Since these columns, 'call' and 'bool_race', are dependent on each other, we have to use a pair-wise bootstrap method. This will resample the data in pairs and compute the slope and intercept from the sampled data. From there, we can compute p-values and confidence intervals.

In [12]:
#Define how we draw bootstrap pairs
def draw_bs_pairs_linreg(x, y, size=1):
    """Perform pairs bootstrap for linear regression."""
    #Set up array of indices to sample from: inds
    inds = np.arange(len(x))
    
    #Initialize replicates: bs_slope_reps, bs_intercept_reps
    bs_slope_reps = np.empty(size)
    bs_intercept_reps = np.empty(size)
    
    #Generate replicates
    for i in range(size):
        bs_inds = np.random.choice(inds, size=len(inds))
        bs_x, bs_y = x[bs_inds], y[bs_inds]
        bs_slope_reps[i], bs_intercept_reps[i] = np.polyfit(bs_x, bs_y, 1)

    return bs_slope_reps, bs_intercept_reps

In [13]:
#Draw 10000 pairs
draw_bs_pairs_linreg(call, race, size=10000)

(array([0.07690997, 0.10167087, 0.11131755, ..., 0.14439998, 0.0962982 ,
        0.09741227]),
 array([0.47321228, 0.49138124, 0.49131403, ..., 0.48992838, 0.49092539,
        0.50067385]))

In [16]:
#Plot the first 200 bootstrap pairs and visualize the linear relationships

# Generate array of x-values for bootstrap lines: x
x = np.array([0, 100])

# Plot the bootstrap lines
for i in range(100):
    _ = plt.plot(x, bs_slope_reps[i]*x + bs_intercept_reps[i],
                 linewidth=0.5, alpha=0.1, color='red')

# Plot the data
_ = plt.plot(call, race, marker='.', linestyle='none')
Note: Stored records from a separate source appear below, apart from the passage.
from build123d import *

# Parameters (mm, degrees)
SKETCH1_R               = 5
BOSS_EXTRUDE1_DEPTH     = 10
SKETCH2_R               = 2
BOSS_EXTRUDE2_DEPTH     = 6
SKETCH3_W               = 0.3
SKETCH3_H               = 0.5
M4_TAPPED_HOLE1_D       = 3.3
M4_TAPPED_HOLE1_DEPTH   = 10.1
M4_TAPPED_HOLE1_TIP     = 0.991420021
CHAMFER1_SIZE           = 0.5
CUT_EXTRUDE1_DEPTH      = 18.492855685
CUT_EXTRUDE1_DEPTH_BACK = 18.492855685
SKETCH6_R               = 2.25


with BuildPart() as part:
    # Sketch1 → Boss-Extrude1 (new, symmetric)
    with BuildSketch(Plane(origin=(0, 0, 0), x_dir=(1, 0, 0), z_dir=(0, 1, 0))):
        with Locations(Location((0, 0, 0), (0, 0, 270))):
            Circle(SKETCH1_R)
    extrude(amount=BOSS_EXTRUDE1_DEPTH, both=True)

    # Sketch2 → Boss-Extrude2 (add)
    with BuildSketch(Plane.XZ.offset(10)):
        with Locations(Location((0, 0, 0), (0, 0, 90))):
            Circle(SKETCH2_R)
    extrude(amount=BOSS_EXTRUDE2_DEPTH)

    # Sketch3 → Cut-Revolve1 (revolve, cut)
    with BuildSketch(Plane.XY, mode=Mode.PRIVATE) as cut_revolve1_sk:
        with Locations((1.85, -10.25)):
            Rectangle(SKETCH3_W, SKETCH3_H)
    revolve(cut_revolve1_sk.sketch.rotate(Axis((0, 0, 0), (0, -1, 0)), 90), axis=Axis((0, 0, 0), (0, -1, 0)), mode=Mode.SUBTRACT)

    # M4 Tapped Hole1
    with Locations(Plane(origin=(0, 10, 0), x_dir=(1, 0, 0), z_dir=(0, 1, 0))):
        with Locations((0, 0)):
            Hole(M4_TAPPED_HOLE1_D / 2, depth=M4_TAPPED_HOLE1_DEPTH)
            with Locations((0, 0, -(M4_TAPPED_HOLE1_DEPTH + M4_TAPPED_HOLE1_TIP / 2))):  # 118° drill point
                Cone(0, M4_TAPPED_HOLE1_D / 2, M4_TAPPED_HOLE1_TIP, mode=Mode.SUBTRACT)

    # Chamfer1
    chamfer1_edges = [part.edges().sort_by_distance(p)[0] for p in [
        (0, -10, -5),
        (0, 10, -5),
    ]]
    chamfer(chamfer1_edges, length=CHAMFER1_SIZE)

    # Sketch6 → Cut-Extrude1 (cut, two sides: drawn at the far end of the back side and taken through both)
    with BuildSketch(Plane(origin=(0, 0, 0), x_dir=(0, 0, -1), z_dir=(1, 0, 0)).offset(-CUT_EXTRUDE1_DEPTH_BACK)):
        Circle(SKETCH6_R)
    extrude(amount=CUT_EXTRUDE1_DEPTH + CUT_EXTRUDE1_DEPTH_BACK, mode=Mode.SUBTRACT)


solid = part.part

# Label axes, set the margins, and show the plot
_ = plt.xlabel('call')
_ = plt.ylabel('race where w=1')
plt.margins(0.02)
plt.show()

NameError: name 'bs_slope_reps' is not defined

## Part 2: Frequentist Approach

We will perform a permutation hypothesis test. To do this, we will tkae 1,000 permutation samples. Each sample will include the following procedure. 
<br>
<br>
Take the original data and permute (shuffle) the entries in the 'call' column. Then, assign the first half to be "white-sounding" and the second to be "black-sounding." We will then split the data into permuted samples: perm_w and perm_b. Plot each difference of means of those two values 1,000 times in a histogram. Finally, we will see how extreme our observed sample data value is in relation to this distribution of permutation tests.

In [None]:
#Write a script that calculates permuted data mean differences

#Initialize empty array of replicates
perm_reps = np.empty(1000)

#Establish random seed for reproducability
np.random.seed(42)

#Draw replicates
for i in range(1000):
    #Permute call_data
    if i <= 1:
        permuted_data = np.random.permutation(call_data)
        perm_reps[i] = np.mean(permuted_data[:len(w)]) - np.mean(permuted_data[len(w):])
    #Take permutations of most recentle permuted data
    else:
        permuted_data = np.random.permutation(permuted_data)
        perm_rep[i] = np.mean(permuted_data[:len(w)]) - np.mean(permuted_data[len(w):])

In [None]:
#Plot histogram of array
plt.hist(perm_reps, bins=50, density=True)

In [None]:
#Calculate observed sample mean difference
obs_samp_dif = w_rate - b_rate
print(obs_samp_dif)

In [None]:
#Calculate how many standard deviations our observed value is from the mean
perm_std = np.std(perm_reps)
stds = obs_samp_dif/perm_std

print(stds, ' standard deviations from the mean')

In [None]:
#Calculate p-value of obs_samp_dif
p = (obs_samp_dif - np.mean(perm_reps))/len(perm_reps)
print('p-value = ', p)

In conclusion, our observed difference of the mean rates of returned applications between white-sounding and black-sounding resumes was 0.03203. As we drew permutation samples and plotted the histogram of mean differences, we see that this observed value is far from the mean; in fact, this is over 4 standard deviations below what we would expect. This gives us a p-value of 3.207e-05, which is extremely low, guiding us to assess that our observed data does not actually follow a non-biased rate or return of resumes, as we assumed in our original hypothesis.